Beakers, fumes, reactions, experiments--I always dreamed I'd be a scientist so I could create something useful to the world. The grim settings of some labs and the long hours at the bench did not scare me at all--nor are they the reason I am no longer at the bench. I have remained in science, though, as a science officer for the European Science Foundation  (ESF).
I embarked on a career in chemistry with passion and dedication. While working on my Laurea degree in chemistry in Italy, I won an Erasmus fellowship  and went to the United Kingdom for a wonderful 6-month research experience working in the old labs (at that time there were still wooden benches) of University College London . I did some teaching after completing my degree, but it didn't satisfy me because I wanted to do research. I looked for a studentship (a scholarship that requires participation in a research program) to fund a Ph.D., and once again I ended up in another country: I took a 3-year fellowship at Trinity College, Dublin .

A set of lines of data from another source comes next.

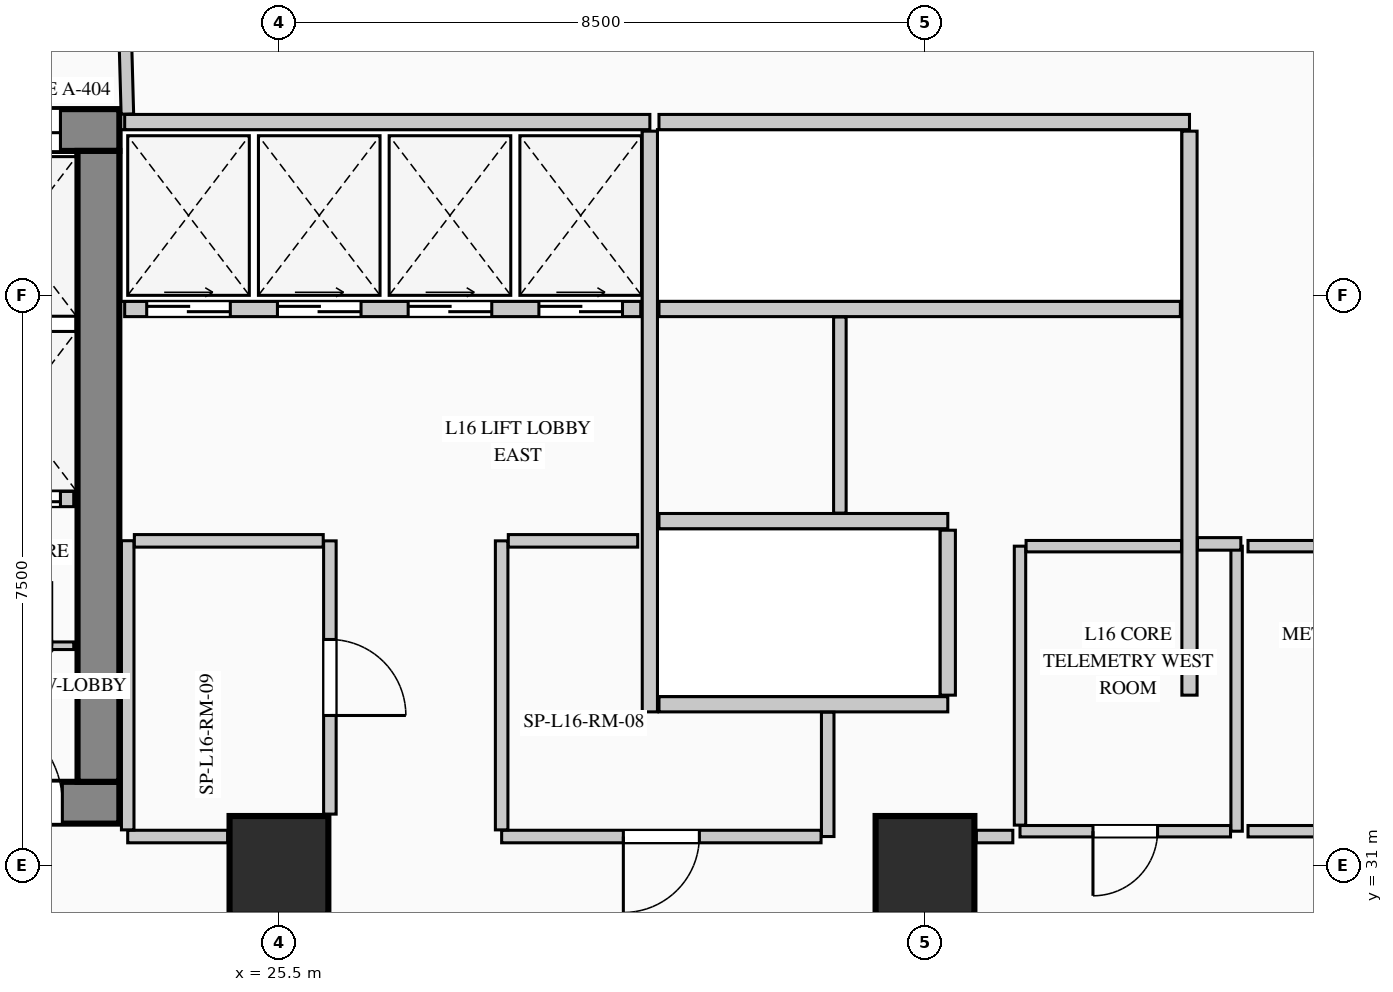
"""IFC4 building model, lengths in metres.
Left out: names, types, materials, properties, quantities, classifications, styles, units other than length and angle.
Written with IfcOpenShell. Run it as: python <this file> out.ifc"""

import sys

from ifc_helpers import new_model, si_unit, direction, frame, frame_2d, origin, origin_2d, place, context, subcontext, project, spatial, rectangle, extrude, element, fill, save


model = new_model("IFC4")
c1 = context("Model", 3, precision=1e-05, world=origin(), true_north=direction((0.0, 1.0)))
c2 = subcontext(c1, "Body", "Model", "MODEL_VIEW")
j1 = project(units=[si_unit("LENGTHUNIT", "METRE"), si_unit("PLANEANGLEUNIT", "RADIAN")], contexts=[c1])
p1 = place(None, origin())
s1 = spatial("IfcSite", under=j1, at=p1, CompositionType="ELEMENT")
p2 = place(p1, origin())
s2 = spatial("IfcBuilding", under=s1, at=p2, CompositionType="ELEMENT")
p3 = place(p2, frame((0.0, 0.0, 71.0)))
s3 = spatial("IfcBuildingStorey", under=s2, at=p3, CompositionType="ELEMENT", Elevation=71.0)
p4 = place(p3, frame((5.45, 40.675, 0.0), z_axis=(0.0, 0.0, 1.0), x_axis=(1.0, 0.0, 0.0)))
e1 = element("IfcWall", 1, at=p4, inside=s3, PredefinedType="SHEAR", context=c2, shape_type="SweptSolid", body=[
    extrude(rectangle(XDim=17.95, YDim=0.55, at=frame_2d((8.975, 0.0))), origin(), (0.0, 0.0, 1.0), 4.4),
])
p5 = place(p4, frame((15.995, 0.0, 0.0)))
e2 = element("IfcOpeningElement", 2, at=p5, cuts=e1, PredefinedType="OPENING", context=c2, shape_type="SweptSolid", body=[
    extrude(rectangle(XDim=1.18, YDim=2.25, at=frame_2d((0.59, 1.125))), frame((0.0, 0.285, 0.0), z_axis=(0.0, -1.0, 0.0), x_axis=(1.0, 0.0, 0.0)), (0.0, 0.0, 1.0), 0.57),
])
p6 = place(p3, frame((5.45, 31.825, 0.0), z_axis=(0.0, 0.0, 1.0), x_axis=(1.0, 0.0, 0.0)))
e3 = element("IfcWall", 3, at=p6, inside=s3, PredefinedType="SHEAR", context=c2, shape_type="SweptSolid", body=[
    extrude(rectangle(XDim=17.95, YDim=0.55, at=frame_2d((8.975, 0.0))), origin(), (0.0, 0.0, 1.0), 4.4),
])
p7 = place(p6, frame((3.2, 0.0, 0.0)))
e4 = element("IfcOpeningElement", 4, at=p7, cuts=e3, PredefinedType="OPENING", context=c2, shape_type="SweptSolid", body=[
    extrude(rectangle(XDim=1.2, YDim=2.2, at=frame_2d((0.6, 1.1))), frame((0.0, 0.285, 0.0), z_axis=(0.0, -1.0, 0.0), x_axis=(1.0, 0.0, 0.0)), (0.0, 0.0, 1.0), 0.57),
])
p8 = place(p6, frame((7.05, 0.0, 0.0)))
e5 = element("IfcOpeningElement", 5, at=p8, cuts=e3, PredefinedType="OPENING", context=c2, shape_type="SweptSolid", body=[
    extrude(rectangle(XDim=1.2, YDim=2.2, at=frame_2d((0.6, 1.1))), frame((0.0, 0.285, 0.0), z_axis=(0.0, -1.0, 0.0), x_axis=(1.0, 0.0, 0.0)), (0.0, 0.0, 1.0), 0.57),
])
p9 = place(p6, frame((8.9, 0.0, 0.0)))
e6 = element("IfcOpeningElement", 6, at=p9, cuts=e3, PredefinedType="OPENING", context=c2, shape_type="SweptSolid", body=[
    extrude(rectangle(XDim=1.15, YDim=2.2, at=frame_2d((0.575, 1.1))), frame((0.0, 0.285, 0.0), z_axis=(0.0, -1.0, 0.0), x_axis=(1.0, 0.0, 0.0)), (0.0, 0.0, 1.0), 0.57),
])
p10 = place(p6, frame((16.0, 0.0, 0.0)))
e7 = element("IfcOpeningElement", 7, at=p10, cuts=e3, PredefinedType="OPENING", context=c2, shape_type="SweptSolid", body=[
    extrude(rectangle(XDim=1.2, YDim=2.2, at=frame_2d((0.6, 1.1))), frame((0.0, 0.285, 0.0), z_axis=(0.0, -1.0, 0.0), x_axis=(1.0, 0.0, 0.0)), (0.0, 0.0, 1.0), 0.57),
])
p11 = place(p3, frame((23.125, 32.1, 0.0), z_axis=(0.0, 0.0, 1.0), x_axis=(0.0, 1.0, 0.0)))
e8 = element("IfcWall", 8, at=p11, inside=s3, PredefinedType="SHEAR", context=c2, shape_type="SweptSolid", body=[
    extrude(rectangle(XDim=8.3, YDim=0.55, at=frame_2d((4.15, 0.0))), origin(), (0.0, 0.0, 1.0), 4.4),
])
for number, where, z_axis, x_axis in (
    (9, (25.5, 31.0, 0.0), (0.0, 0.0, 1.0), (1.0, 0.0, 0.0)),
    (10, (34.0, 31.0, 0.0), (0.0, 0.0, 1.0), (1.0, 0.0, 0.0)),
):
    element("IfcColumn", number, at=place(p3, frame(where, z_axis=z_axis, x_axis=x_axis)), inside=s3, PredefinedType="COLUMN", context=c2, shape_type="SweptSolid", body=[
        extrude(rectangle(XDim=1.3, YDim=1.3, at=origin_2d()), origin(), (0.0, 0.0, 1.0), 4.4),
    ])
p12 = place(p3, frame((21.38, 33.89, 0.0), z_axis=(0.0, 0.0, 1.0), x_axis=(1.0, 0.0, 0.0)))
e11 = element("IfcWall", 11, at=p12, inside=s3, PredefinedType="PARTITIONING", context=c2, shape_type="SweptSolid", body=[
    extrude(rectangle(XDim=1.42, YDim=0.1, at=frame_2d((0.71, 0.0))), origin(), (0.0, 0.0, 1.0), 4.1),
])
p13 = place(p12, frame((0.28, 0.0, 0.0)))
e12 = element("IfcOpeningElement", 12, at=p13, cuts=e11, PredefinedType="OPENING", context=c2, shape_type="SweptSolid", body=[
    extrude(rectangle(XDim=0.85, YDim=2.1, at=frame_2d((0.425, 1.05))), frame((0.0, 0.06, 0.0), z_axis=(0.0, -1.0, 0.0), x_axis=(1.0, 0.0, 0.0)), (0.0, 0.0, 1.0), 0.12),
])
p14 = place(p3, frame((21.3, 35.82, 0.0), z_axis=(0.0, 0.0, 1.0), x_axis=(1.0, 0.0, 0.0)))
e13 = element("IfcWall", 13, at=p14, inside=s3, PredefinedType="PARTITIONING", context=c2, shape_type="SweptSolid", body=[
    extrude(rectangle(XDim=1.5, YDim=0.2, at=frame_2d((0.75, 0.0))), origin(), (0.0, 0.0, 1.0), 4.1),
])
p15 = place(p14, frame((0.145, 0.0, 0.0)))
e14 = element("IfcOpeningElement", 14, at=p15, cuts=e13, PredefinedType="OPENING", context=c2, shape_type="SweptSolid", body=[
    extrude(rectangle(XDim=1.18, YDim=2.25, at=frame_2d((0.59, 1.125))), frame((0.0, 0.11, 0.0), z_axis=(0.0, -1.0, 0.0), x_axis=(1.0, 0.0, 0.0)), (0.0, 0.0, 1.0), 0.22),
])
p16 = place(p3, frame((23.47, 40.78, 0.0), z_axis=(0.0, 0.0, 1.0), x_axis=(1.0, 0.0, 0.0)))
e15 = element("IfcWall", 15, at=p16, inside=s3, PredefinedType="PARTITIONING", context=c2, shape_type="SweptSolid", body=[
    extrude(rectangle(XDim=6.91, YDim=0.2, at=frame_2d((3.455, 0.0))), origin(), (0.0, 0.0, 1.0), 4.1),
])
p17 = place(p3, frame((30.38, 33.02, 0.0), z_axis=(0.0, 0.0, 1.0), x_axis=(0.0, 1.0, 0.0)))
e16 = element("IfcWall", 16, at=p17, inside=s3, PredefinedType="PARTITIONING", context=c2, shape_type="SweptSolid", body=[
    extrude(rectangle(XDim=7.64, YDim=0.2, at=frame_2d((3.82, 0.0))), origin(), (0.0, 0.0, 1.0), 4.1),
])
p18 = place(p3, frame((23.47, 38.32, 0.0), z_axis=(0.0, 0.0, 1.0), x_axis=(1.0, 0.0, 0.0)))
e17 = element("IfcWall", 17, at=p18, inside=s3, PredefinedType="PARTITIONING", context=c2, shape_type="SweptSolid", body=[
    extrude(rectangle(XDim=6.79, YDim=0.2, at=frame_2d((3.395, 0.0))), origin(), (0.0, 0.0, 1.0), 4.1),
])
p19 = place(p18, frame((0.29, 0.0, 0.0)))
e18 = element("IfcOpeningElement", 18, at=p19, cuts=e17, PredefinedType="OPENING", context=c2, shape_type="SweptSolid", body=[
    extrude(rectangle(XDim=1.1, YDim=2.2, at=frame_2d((0.55, 1.1))), frame((0.0, 0.11, 0.0), z_axis=(0.0, -1.0, 0.0), x_axis=(1.0, 0.0, 0.0)), (0.0, 0.0, 1.0), 0.22),
])
p20 = place(p18, frame((2.01, 0.0, 0.0)))
e19 = element("IfcOpeningElement", 19, at=p20, cuts=e17, PredefinedType="OPENING", context=c2, shape_type="SweptSolid", body=[
    extrude(rectangle(XDim=1.1, YDim=2.2, at=frame_2d((0.55, 1.1))), frame((0.0, 0.11, 0.0), z_axis=(0.0, -1.0, 0.0), x_axis=(1.0, 0.0, 0.0)), (0.0, 0.0, 1.0), 0.22),
])
p21 = place(p18, frame((3.73, 0.0, 0.0)))
e20 = element("IfcOpeningElement", 20, at=p21, cuts=e17, PredefinedType="OPENING", context=c2, shape_type="SweptSolid", body=[
    extrude(rectangle(XDim=1.1, YDim=2.2, at=frame_2d((0.55, 1.1))), frame((0.0, 0.11, 0.0), z_axis=(0.0, -1.0, 0.0), x_axis=(1.0, 0.0, 0.0)), (0.0, 0.0, 1.0), 0.22),
])
p22 = place(p18, frame((5.45, 0.0, 0.0)))
e21 = element("IfcOpeningElement", 21, at=p22, cuts=e17, PredefinedType="OPENING", context=c2, shape_type="SweptSolid", body=[
    extrude(rectangle(XDim=1.1, YDim=2.2, at=frame_2d((0.55, 1.1))), frame((0.0, 0.11, 0.0), z_axis=(0.0, -1.0, 0.0), x_axis=(1.0, 0.0, 0.0)), (0.0, 0.0, 1.0), 0.22),
])
p23 = place(p3, frame((30.5, 40.78, 0.0), z_axis=(0.0, 0.0, 1.0), x_axis=(1.0, 0.0, 0.0)))
e22 = element("IfcWall", 22, at=p23, inside=s3, PredefinedType="PARTITIONING", context=c2, shape_type="SweptSolid", body=[
    extrude(rectangle(XDim=6.98, YDim=0.2, at=frame_2d((3.49, 0.0))), origin(), (0.0, 0.0, 1.0), 4.1),
])
p24 = place(p3, frame((37.48, 33.24, 0.0), z_axis=(0.0, 0.0, 1.0), x_axis=(0.0, 1.0, 0.0)))
e23 = element("IfcWall", 23, at=p24, inside=s3, PredefinedType="PARTITIONING", context=c2, shape_type="SweptSolid", body=[
    extrude(rectangle(XDim=7.42, YDim=0.2, at=frame_2d((3.71, 0.0))), origin(), (0.0, 0.0, 1.0), 4.1),
])
p25 = place(p3, frame((30.5, 38.32, 0.0), z_axis=(0.0, 0.0, 1.0), x_axis=(1.0, 0.0, 0.0)))
e24 = element("IfcWall", 24, at=p25, inside=s3, PredefinedType="PARTITIONING", context=c2, shape_type="SweptSolid", body=[
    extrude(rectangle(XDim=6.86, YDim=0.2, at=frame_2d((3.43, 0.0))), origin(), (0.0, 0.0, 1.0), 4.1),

Three years passed as I worked at the bench, doing reactions, repeating measurements. There were many ups and downs, but mostly the words of others buzzed in my head: "Did you do that experiment yet?" "This cannot be the right result!" "Do it again." "Can you give me a few slides for my presentation?" So, when it came time to ask, "What do I do next?" I knew I did not want to stay in academia. I did not like teaching and I did not like the dearth of money if you weren't in the "right" group. There were few good mentors, and Ph.D. students' research, I found, was treated as a way for supervisors to publish and go to conferences around the world. I also found that there was no teamwork and a lot of secrecy about the work everybody was doing, not the knowledge sharing and learning from others that I expected to find in research.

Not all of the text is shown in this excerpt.